Hi Ho @Silver that is still one of my favourite mods... great mod that looks stunning!

Reactions: Like 1


----------



## Silver

Rob Fisher said:


> Hi Ho @Silver that is still one of my favourite mods... great mod that looks stunning!



I love that little excited banana smiley icon!
You use it so often, but every time it just cracks me up. I can imagine you sitting there with the hotcig150 going "yeah baby!"

Reactions: Like 1


----------



## Rob Fisher

Silver said:


> I love that little excited banana smiley icon!
> You use it so often, but every time it just cracks me up. I can imagine you sitting there with the hotcig150 going "yeah baby!"



100% The Safe my Mate Banana is me to a T!

Reactions: Like 1


----------



## Spydro

Second SM25 on line with first. The big dual 24N80 build is not as good as I had hoped it would be for the joose. But the build wicking I did a different way without grooming the wicks is working fine.

Reactions: Like 2


----------



## Daniel

Howdy doods , this seems like a lakker tank , and after a looong absence might be purchasing one of these bad boys (or 2nd hand if anyone is selling )

Reactions: Like 1


----------



## SpiralSequence

I got mine last week Thursday and after wicking it about 5 times trying all sort of different wicking methods I keep getting dry hits. 

It runs perfectly for a day then it starts getting dry hits if I semi chain vape. Could it be the cotton I am using? 

Last night I thought I had success this time round but now its slowly but surely dry hitting. 

Any advice will be appreciated.


----------



## PuffingCrow

@SpiralSequence I am having same problem from your pics i would suggest, make your cotton i little bit tighter in the coil and bit long in juice well only a little bit its a very fine balance, also fan the cotton out with tweezers or a needle and the stick it in the juice wells make it fluffy. I use cotton bacon i find it wicks way better than jap cotton


----------



## greybush

Check that the coil is properly fastened too and that you don't have hotspots. 

I trim my wick pretty short so it justs gets held by the clamping ring.

Separate issue I'm finding is if I use bigger coils I get a lot of spit back, I crank it up to like 50w and it goes away eventually but until that time it's unpleasant. If I use 2.5 coil then it's hundreds and I drop to like 30w.

Reactions: Useful 1


----------



## SpiralSequence

I tried a 2.5mm coil yesterday and was not very happy performance wise. It seems the emptier the tank gets the less it wicks. 

Mine is also just touching the ring. Had to learn that with the Griffin. 

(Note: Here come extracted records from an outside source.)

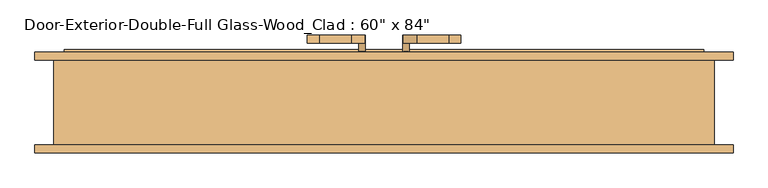
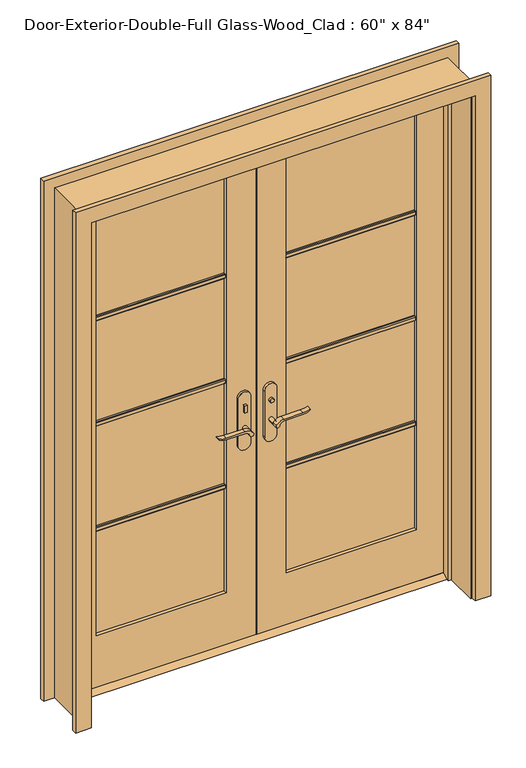
"""IFC4 building model written with IfcOpenShell, lengths in millimetres: door geometry."""

from ifc_helpers import new_model, si_unit, point, frame, frame_2d, origin, place, context, project, spatial, polyline, circle_curve, trimmed, segment, composite_curve, outline, extrude, faceted_brep, source, transform, mapped, element, save


def door_34824ff4(model_context):
    return source(origin(), model_context, "Body", "SolidModel", [
        extrude(outline(polyline([(63.5, 12.7), (98.425, 12.7), (123.825, 0.0), (38.1, 0.0), (63.5, 12.7)])), frame((-762.0, 0.0, 0.0), z_axis=(1.0, 0.0, 0.0), x_axis=(0.0, 1.0, 0.0)), (0.0, 0.0, 1.0), 1524.0),
        extrude(outline(polyline([(-47.4019111, 43.5), (-57.4019111, 43.5), (-57.4019111, 53.5), (-47.4019111, 53.5), (-47.4019111, 43.5)])), frame((0.0, 0.0, 981.9), z_axis=(0.0, 0.0, 1.0), x_axis=(1.0, 0.0, 0.0)), (0.0, 0.0, 1.0), 30.0),
        extrude(outline(composite_curve([segment(trimmed(circle_curve(frame_2d((996.9, -52.4019111)), 8.0), [point((996.9, -60.4019111))], [point((996.9, -44.4019111))], False, "CARTESIAN"), True, "CONTINUOUS"), segment(trimmed(circle_curve(frame_2d((996.9, -52.4019111)), 8.0), [point((996.9, -44.4019111))], [point((996.9, -60.4019111))], False, "CARTESIAN"), True, "CONTINUOUS")], self_intersect=False)), frame((0.0, 108.425, 0.0), z_axis=(0.0, 1.0, 0.0), x_axis=(0.0, 0.0, 1.0)), (0.0, 0.0, 1.0), 10.0),
        extrude(outline(composite_curve([segment(trimmed(circle_curve(frame_2d((897.1555521, -76.0694241)), 37.2832219), [point((919.0523287, -45.8937749))], [point((934.4, -77.7693445))], False, "CARTESIAN"), True, "CONTINUOUS"), segment(polyline([(934.4, -77.7693445), (934.4, -154.045502)]), True, "CONTINUOUS"), segment(trimmed(circle_curve(frame_2d((1017.6850638, -153.9791202)), 83.2850902), [point((934.4, -154.045502))], [point((939.4, -182.4019111))], True, "CARTESIAN"), True, "CONTINUOUS"), segment(polyline([(939.4, -182.4019111), (936.6135558, -182.4019111)]), True, "CONTINUOUS"), segment(trimmed(circle_curve(frame_2d((986.6709207, -150.4622499)), 59.3791355), [point((936.6135558, -182.4019111))], [point((927.4, -154.045502))], False, "CARTESIAN"), True, "CONTINUOUS"), segment(polyline([(927.4, -154.045502), (927.4, -77.7881013)]), True, "CONTINUOUS"), segment(trimmed(circle_curve(frame_2d((909.2738613, -77.7881013)), 18.1261387), [point((927.4, -77.7881013))], [point((914.4, -60.4019111))], True, "CARTESIAN"), True, "CONTINUOUS"), segment(trimmed(circle_curve(frame_2d((914.4, -52.4019111)), 8.0), [point((914.4, -60.4019111))], [point((919.0523287, -45.8937749))], False, "CARTESIAN"), True, "CONTINUOUS")], self_intersect=False)), frame((0.0, 3.5, 0.0), z_axis=(0.0, 1.0, 0.0), x_axis=(0.0, 0.0, 1.0)), (0.0, 0.0, 1.0), 20.0),
        extrude(outline(composite_curve([segment(trimmed(circle_curve(frame_2d((914.4, -52.4019111)), 8.0), [point((914.3999903, -60.4019111))], [point((919.0523287, -45.8937749))], False, "CARTESIAN"), True, "CONTINUOUS"), segment(trimmed(circle_curve(frame_2d((897.1555521, -76.0694241)), 37.2832219), [point((919.0523287, -45.8937749))], [point((934.4, -77.7693445))], False, "CARTESIAN"), True, "CONTINUOUS"), segment(polyline([(934.4, -77.7693445), (934.4, -154.045502)]), True, "CONTINUOUS"), segment(trimmed(circle_curve(frame_2d((1017.6850638, -153.9791202)), 83.2850902), [point((934.4, -154.045502))], [point((939.4, -182.4019111))], True, "CARTESIAN"), True, "CONTINUOUS"), segment(polyline([(939.4, -182.4019111), (936.6135558, -182.4019111)]), True, "CONTINUOUS"), segment(trimmed(circle_curve(frame_2d((986.6709207, -150.4622499)), 59.3791355), [point((936.6135558, -182.4019111))], [point((927.4, -154.045502))], False, "CARTESIAN"), True, "CONTINUOUS"), segment(polyline([(927.4, -154.045502), (927.4, -77.788099)]), True, "CONTINUOUS"), segment(trimmed(circle_curve(frame_2d((909.2738682, -77.788099)), 18.1261318), [point((927.4, -77.788099))], [point((914.3999903, -60.4019111))], True, "CARTESIAN"), True, "CONTINUOUS")], self_intersect=False)), frame((0.0, 138.425, 0.0), z_axis=(0.0, 1.0, 0.0), x_axis=(0.0, 0.0, 1.0)), (0.0, 0.0, 1.0), 20.0),
        extrude(outline(composite_curve([segment(trimmed(circle_curve(frame_2d((914.4, -52.4019111)), 8.0), [point((914.4, -60.4019111))], [point((914.4, -44.4019111))], False, "CARTESIAN"), True, "CONTINUOUS"), segment(trimmed(circle_curve(frame_2d((914.4, -52.4019111)), 8.0), [point((914.4, -44.4019111))], [point((914.4, -60.4019111))], False, "CARTESIAN"), True, "CONTINUOUS")], self_intersect=False)), frame((0.0, 23.5, 0.0), z_axis=(0.0, 1.0, 0.0), x_axis=(0.0, 0.0, 1.0)), (0.0, 0.0, 1.0), 30.0),
        extrude(outline(composite_curve([segment(trimmed(circle_curve(frame_2d((914.4, -52.4019111)), 8.0), [point((914.4, -60.4019111))], [point((914.4, -44.4019111))], False, "CARTESIAN"), True, "CONTINUOUS"), segment(trimmed(circle_curve(frame_2d((914.4, -52.4019111)), 8.0), [point((914.4, -44.4019111))], [point((914.4, -60.4019111))], False, "CARTESIAN"), True, "CONTINUOUS")], self_intersect=False)), frame((0.0, 108.425, 0.0), z_axis=(0.0, 1.0, 0.0), x_axis=(0.0, 0.0, 1.0)), (0.0, 0.0, 1.0), 30.0),
        extrude(outline(composite_curve([segment(polyline([(844.4, -27.4019111), (1039.4, -27.4019111)]), True, "CONTINUOUS"), segment(trimmed(circle_curve(frame_2d((1039.4, -52.4019111)), 25.0), [point((1039.4, -27.4019111))], [point((1039.4, -77.4019111))], False, "CARTESIAN"), True, "CONTINUOUS"), segment(polyline([(1039.4, -77.4019111), (844.4, -77.4019111)]), True, "CONTINUOUS"), segment(trimmed(circle_curve(frame_2d((844.4, -52.4019111)), 25.0), [point((844.4, -77.4019111))], [point((844.4, -27.4019111))], False, "CARTESIAN"), True, "CONTINUOUS")], self_intersect=False)), frame((0.0, 53.5, 0.0), z_axis=(0.0, 1.0, 0.0), x_axis=(0.0, 0.0, 1.0)), (0.0, 0.0, 1.0), 10.0),
        extrude(outline(composite_curve([segment(polyline([(844.4, -27.4019111), (1039.4, -27.4019111)]), True, "CONTINUOUS"), segment(trimmed(circle_curve(frame_2d((1039.4, -52.4019111)), 25.0), [point((1039.4, -27.4019111))], [point((1039.4, -77.4019111))], False, "CARTESIAN"), True, "CONTINUOUS"), segment(polyline([(1039.4, -77.4019111), (844.4, -77.4019111)]), True, "CONTINUOUS"), segment(trimmed(circle_curve(frame_2d((844.4, -52.4019111)), 25.0), [point((844.4, -77.4019111))], [point((844.4, -27.4019111))], False, "CARTESIAN"), True, "CONTINUOUS")], self_intersect=False)), frame((0.0, 98.425, 0.0), z_axis=(0.0, 1.0, 0.0), x_axis=(0.0, 0.0, 1.0)), (0.0, 0.0, 1.0), 10.0),
        extrude(outline(polyline([(47.3875, 118.425), (57.3875, 118.425), (57.3875, 108.425), (47.3875, 108.425), (47.3875, 118.425)])), frame((0.0, 0.0, 981.9), z_axis=(0.0, 0.0, 1.0), x_axis=(1.0, 0.0, 0.0)), (0.0, 0.0, 1.0), 30.0),
        extrude(outline(composite_curve([segment(trimmed(circle_curve(frame_2d((996.9, 52.3875)), 8.0), [point((996.9, 60.3875))], [point((996.9, 44.3875))], False, "CARTESIAN"), True, "CONTINUOUS"), segment(trimmed(circle_curve(frame_2d((996.9, 52.3875)), 8.0), [point((996.9, 44.3875))], [point((996.9, 60.3875))], False, "CARTESIAN"), True, "CONTINUOUS")], self_intersect=False)), frame((0.0, 43.5, 0.0), z_axis=(0.0, 1.0, 0.0), x_axis=(0.0, 0.0, 1.0)), (0.0, 0.0, 1.0), 10.0),
        extrude(outline(composite_curve([segment(trimmed(circle_curve(frame_2d((914.4, 52.3875)), 8.0), [point((919.0523287, 45.8793637))], [point((914.4, 60.3875))], False, "CARTESIAN"), True, "CONTINUOUS"), segment(trimmed(circle_curve(frame_2d((909.2738613, 77.7736901)), 18.1261387), [point((914.4, 60.3875))], [point((927.4, 77.7736901))], True, "CARTESIAN"), True, "CONTINUOUS"), segment(polyline([(927.4, 77.7736901), (927.4, 154.0310909)]), True, "CONTINUOUS"), segment(trimmed(circle_curve(frame_2d((986.6709207, 150.4478388)), 59.3791355), [point((927.4, 154.0310909))], [point((936.6135558, 182.3875))], False, "CARTESIAN"), True, "CONTINUOUS"), segment(polyline([(936.6135558, 182.3875), (939.4, 182.3875)]), True, "CONTINUOUS"), segment(trimmed(circle_curve(frame_2d((1017.6850638, 153.9647091)), 83.2850902), [point((939.4, 182.3875))], [point((934.4, 154.0310909))], True, "CARTESIAN"), True, "CONTINUOUS"), segment(polyline([(934.4, 154.0310909), (934.4, 77.7549333)]), True, "CONTINUOUS"), segment(trimmed(circle_curve(frame_2d((897.1555521, 76.0550129)), 37.2832219), [point((934.4, 77.7549333))], [point((919.0523287, 45.8793637))], False, "CARTESIAN"), True, "CONTINUOUS")], self_intersect=False)), frame((0.0, 138.425, 0.0), z_axis=(0.0, 1.0, 0.0), x_axis=(0.0, 0.0, 1.0)), (0.0, 0.0, 1.0), 20.0),
        extrude(outline(composite_curve([segment(trimmed(circle_curve(frame_2d((909.2738682, 77.7736878)), 18.1261318), [point((914.3999903, 60.3875))], [point((927.4, 77.7736878))], True, "CARTESIAN"), True, "CONTINUOUS"), segment(polyline([(927.4, 77.7736878), (927.4, 154.0310909)]), True, "CONTINUOUS"), segment(trimmed(circle_curve(frame_2d((986.6709207, 150.4478388)), 59.3791355), [point((927.4, 154.0310909))], [point((936.6135558, 182.3875))], False, "CARTESIAN"), True, "CONTINUOUS"), segment(polyline([(936.6135558, 182.3875), (939.4, 182.3875)]), True, "CONTINUOUS"), segment(trimmed(circle_curve(frame_2d((1017.6850638, 153.9647091)), 83.2850902), [point((939.4, 182.3875))], [point((934.4, 154.0310909))], True, "CARTESIAN"), True, "CONTINUOUS"), segment(polyline([(934.4, 154.0310909), (934.4, 77.7549333)]), True, "CONTINUOUS"), segment(trimmed(circle_curve(frame_2d((897.1555521, 76.0550129)), 37.2832219), [point((934.4, 77.7549333))], [point((919.0523287, 45.8793637))], False, "CARTESIAN"), True, "CONTINUOUS"), segment(trimmed(circle_curve(frame_2d((914.4, 52.3875)), 8.0), [point((919.0523287, 45.8793637))], [point((914.3999903, 60.3875))], False, "CARTESIAN"), True, "CONTINUOUS")], self_intersect=False)), frame((0.0, 3.5, 0.0), z_axis=(0.0, 1.0, 0.0), x_axis=(0.0, 0.0, 1.0)), (0.0, 0.0, 1.0), 20.0),
        extrude(outline(composite_curve([segment(trimmed(circle_curve(frame_2d((914.4, 52.3875)), 8.0), [point((914.4, 60.3875))], [point((914.4, 44.3875))], False, "CARTESIAN"), True, "CONTINUOUS"), segment(trimmed(circle_curve(frame_2d((914.4, 52.3875)), 8.0), [point((914.4, 44.3875))], [point((914.4, 60.3875))], False, "CARTESIAN"), True, "CONTINUOUS")], self_intersect=False)), frame((0.0, 108.425, 0.0), z_axis=(0.0, 1.0, 0.0), x_axis=(0.0, 0.0, 1.0)), (0.0, 0.0, 1.0), 30.0),
        extrude(outline(composite_curve([segment(trimmed(circle_curve(frame_2d((914.4, 52.3875)), 8.0), [point((914.4, 60.3875))], [point((914.4, 44.3875))], False, "CARTESIAN"), True, "CONTINUOUS"), segment(trimmed(circle_curve(frame_2d((914.4, 52.3875)), 8.0), [point((914.4, 44.3875))], [point((914.4, 60.3875))], False, "CARTESIAN"), True, "CONTINUOUS")], self_intersect=False)), frame((0.0, 23.5, 0.0), z_axis=(0.0, 1.0, 0.0), x_axis=(0.0, 0.0, 1.0)), (0.0, 0.0, 1.0), 30.0),
        extrude(outline(composite_curve([segment(trimmed(circle_curve(frame_2d((844.4, 52.3875)), 25.0), [point((844.4, 27.3875))], [point((844.4, 77.3875))], False, "CARTESIAN"), True, "CONTINUOUS"), segment(polyline([(844.4, 77.3875), (1039.4, 77.3875)]), True, "CONTINUOUS"), segment(trimmed(circle_curve(frame_2d((1039.4, 52.3875)), 25.0), [point((1039.4, 77.3875))], [point((1039.4, 27.3875))], False, "CARTESIAN"), True, "CONTINUOUS"), segment(polyline([(1039.4, 27.3875), (844.4, 27.3875)]), True, "CONTINUOUS")], self_intersect=False)), frame((0.0, 98.425, 0.0), z_axis=(0.0, 1.0, 0.0), x_axis=(0.0, 0.0, 1.0)), (0.0, 0.0, 1.0), 10.0),
        extrude(outline(composite_curve([segment(trimmed(circle_curve(frame_2d((844.4, 52.3875)), 25.0), [point((844.4, 27.3875))], [point((844.4, 77.3875))], False, "CARTESIAN"), True, "CONTINUOUS"), segment(polyline([(844.4, 77.3875), (1039.4, 77.3875)]), True, "CONTINUOUS"), segment(trimmed(circle_curve(frame_2d((1039.4, 52.3875)), 25.0), [point((1039.4, 77.3875))], [point((1039.4, 27.3875))], False, "CARTESIAN"), True, "CONTINUOUS"), segment(polyline([(1039.4, 27.3875), (844.4, 27.3875)]), True, "CONTINUOUS")], self_intersect=False)), frame((0.0, 53.5, 0.0), z_axis=(0.0, 1.0, 0.0), x_axis=(0.0, 0.0, 1.0)), (0.0, 0.0, 1.0), 10.0),
        extrude(outline(polyline([(77.47, 1578.371875), (77.47, 1559.321875), (71.12, 1559.321875), (67.945, 1562.496875), (67.945, 1575.196875), (71.12, 1578.371875), (77.47, 1578.371875)])), frame((120.65, 0.0, 0.0), z_axis=(1.0, 0.0, 0.0), x_axis=(0.0, 1.0, 0.0)), (0.0, 0.0, 1.0), 520.7),
        extrude(outline(polyline([(77.47, 1132.68125), (77.47, 1113.63125), (71.12, 1113.63125), (67.945, 1116.80625), (67.945, 1129.50625), (71.12, 1132.68125), (77.47, 1132.68125)])), frame((120.65, 0.0, 0.0), z_axis=(1.0, 0.0, 0.0), x_axis=(0.0, 1.0, 0.0)), (0.0, 0.0, 1.0), 520.7),
        extrude(outline(polyline([(77.47, 686.990625), (77.47, 667.940625), (71.12, 667.940625), (67.945, 671.115625), (67.945, 683.815625), (71.12, 686.990625), (77.47, 686.990625)])), frame((120.65, 0.0, 0.0), z_axis=(1.0, 0.0, 0.0), x_axis=(0.0, 1.0, 0.0)), (0.0, 0.0, 1.0), 520.7),
        extrude(outline(polyline([(84.455, 1578.371875), (90.805, 1578.371875), (93.98, 1575.196875), (93.98, 1562.496875), (90.805, 1559.321875), (84.455, 1559.321875), (84.455, 1578.371875)])), frame((-641.35, 0.0, 0.0), z_axis=(1.0, 0.0, 0.0), x_axis=(0.0, 1.0, 0.0)), (0.0, 0.0, 1.0), 520.7),
        extrude(outline(polyline([(84.455, 1132.68125), (90.805, 1132.68125), (93.98, 1129.50625), (93.98, 1116.80625), (90.805, 1113.63125), (84.455, 1113.63125), (84.455, 1132.68125)])), frame((-641.35, 0.0, 0.0), z_axis=(1.0, 0.0, 0.0), x_axis=(0.0, 1.0, 0.0)), (0.0, 0.0, 1.0), 520.7),
        extrude(outline(polyline([(84.455, 686.990625), (90.805, 686.990625), (93.98, 683.815625), (93.98, 671.115625), (90.805, 667.940625), (84.455, 667.940625), (84.455, 686.990625)])), frame((-641.35, 0.0, 0.0), z_axis=(1.0, 0.0, 0.0), x_axis=(0.0, 1.0, 0.0)), (0.0, 0.0, 1.0), 520.7),
        extrude(outline(polyline([(84.455, 1578.371875), (90.805, 1578.371875), (93.98, 1575.196875), (93.98, 1562.496875), (90.805, 1559.321875), (84.455, 1559.321875), (84.455, 1578.371875)])), frame((120.65, 0.0, 0.0), z_axis=(1.0, 0.0, 0.0), x_axis=(0.0, 1.0, 0.0)), (0.0, 0.0, 1.0), 520.7),
        extrude(outline(polyline([(84.455, 1132.68125), (90.805, 1132.68125), (93.98, 1129.50625), (93.98, 1116.80625), (90.805, 1113.63125), (84.455, 1113.63125), (84.455, 1132.68125)])), frame((120.65, 0.0, 0.0), z_axis=(1.0, 0.0, 0.0), x_axis=(0.0, 1.0, 0.0)), (0.0, 0.0, 1.0), 520.7),
        extrude(outline(polyline([(84.455, 686.990625), (90.805, 686.990625), (93.98, 683.815625), (93.98, 671.115625), (90.805, 667.940625), (84.455, 667.940625), (84.455, 686.990625)])), frame((120.65, 0.0, 0.0), z_axis=(1.0, 0.0, 0.0), x_axis=(0.0, 1.0, 0.0)), (0.0, 0.0, 1.0), 520.7),
        extrude(outline(polyline([(77.47, 1578.371875), (77.47, 1559.321875), (71.12, 1559.321875), (67.945, 1562.496875), (67.945, 1575.196875), (71.12, 1578.371875), (77.47, 1578.371875)])), frame((-641.35, 0.0, 0.0), z_axis=(1.0, 0.0, 0.0), x_axis=(0.0, 1.0, 0.0)), (0.0, 0.0, 1.0), 520.7),
        extrude(outline(polyline([(77.47, 1132.68125), (77.47, 1113.63125), (71.12, 1113.63125), (67.945, 1116.80625), (67.945, 1129.50625), (71.12, 1132.68125), (77.47, 1132.68125)])), frame((-641.35, 0.0, 0.0), z_axis=(1.0, 0.0, 0.0), x_axis=(0.0, 1.0, 0.0)), (0.0, 0.0, 1.0), 520.7),
        extrude(outline(polyline([(77.47, 686.990625), (77.47, 667.940625), (71.12, 667.940625), (67.945, 671.115625), (67.945, 683.815625), (71.12, 686.990625), (77.47, 686.990625)])), frame((-641.35, 0.0, 0.0), z_axis=(1.0, 0.0, 0.0), x_axis=(0.0, 1.0, 0.0)), (0.0, 0.0, 1.0), 520.7),
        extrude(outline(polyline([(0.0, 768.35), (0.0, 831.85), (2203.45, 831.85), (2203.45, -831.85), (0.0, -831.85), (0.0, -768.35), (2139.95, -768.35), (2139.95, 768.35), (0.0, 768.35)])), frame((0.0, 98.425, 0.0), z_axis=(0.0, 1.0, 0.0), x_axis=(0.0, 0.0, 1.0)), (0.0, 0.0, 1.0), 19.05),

Maybe this tank is just not meant to be chain vaped. Or like I said that my cotton is not wicking that well with this tank. I might have to get some bacon to see if that helps.


----------



## Kalashnikov

SpiralSequence said:


> I tried a 2.5mm coil yesterday and was not very happy performance wise. It seems the emptier the tank gets the less it wicks.
> 
> Mine is also just touching the ring. Had to learn that with the Griffin.
> 
> Maybe this tank is just not meant to be chain vaped. Or like I said that my cotton is not wicking that well with this tank. I might have to get some bacon to see if that helps.


I added you into my post about wicking. If you didnt get it. check page 4 on this thread


----------



## Scissorhands

SpiralSequence said:


> I got mine last week Thursday and after wicking it about 5 times trying all sort of different wicking methods I keep getting dry hits.
> 
> It runs perfectly for a day then it starts getting dry hits if I semi chain vape. Could it be the cotton I am using?
> 
> Last night I thought I had success this time round but now its slowly but surely dry hitting.
> 
> Any advice will be appreciated.



I apologise for the "on the go" pics, I hope they help somewhat, i use the "Scottish roll" method, snug but not tight, then "comb out" about 30 - 35% of the wick leads (very airy) some cotton about 1mm into the juice well and the rest sits on the deck, no leaks or dry hits. Iv tried 4mm id coils but they restrict airflow, 3.5 works perfectly

Reactions: Informative 1


----------



## SpiralSequence

Thanks guys. Will give the Scottish Roll a run.


----------



## Yagya

Just got my baby today and i must admit..u haven't been impressed like this in a while..
I build the standard dual comp coils with Zodiac VCF and the flavour is so intense like i never tasted before.
Thanks uncle @Rob Fisher for the great reviews and also the FOMO

Reactions: Winner 1


----------



## Rob Fisher

Yagya said:


> Just got my baby today and i must admit..u haven't been impressed like this in a while..
> I build the standard dual comp coils with Zodiac VCF and the flavour is so intense like i never tasted before.
> Thanks uncle @Rob Fisher for the great reviews and also the FOMO



Only a pleasure @Yagya! Always happy to hear someone else that get's what I get from a special tank! I never thought I would use anything other than cCell ceramic coils... that was until @BigGuy did a build for me on a tank I liked the look of!

Reactions: Thanks 1


----------



## Yagya

What type of coils and wire is this..


----------



## Scissorhands

Yagya said:


> What type of coils and wire is this..
> View attachment 71103



looks like 26ga twisted kanthol 2 mm id, dont waist your time with them, less than ideal (for this tank) imo, what to do with them? pimp out your key chain


----------



## Yagya

I actually used these coils..lol. slapped in dual coils and came out at .18ohm at 45-50W 
This is really not bad.
I will try the ss 26g wire next time.
Thanks

Reactions: Like 1 | Informative 1


----------



## MoneymanVape

Stuffit, month end im buying my second serpent mini 25 but in black.

Reactions: Like 1


----------



## Silver

SpiralSequence said:


> I got mine last week Thursday and after wicking it about 5 times trying all sort of different wicking methods I keep getting dry hits.
> 
> It runs perfectly for a day then it starts getting dry hits if I semi chain vape. Could it be the cotton I am using?
> 
> Last night I thought I had success this time round but now its slowly but surely dry hitting.
> 
> Any advice will be appreciated.



Hi @SpiralSequence 
I am no expert on the Serpent Mini 25 - have only rewicked about 3 times
But did you cut the wicks narrower toward the wick tails like bigguy advises in his video?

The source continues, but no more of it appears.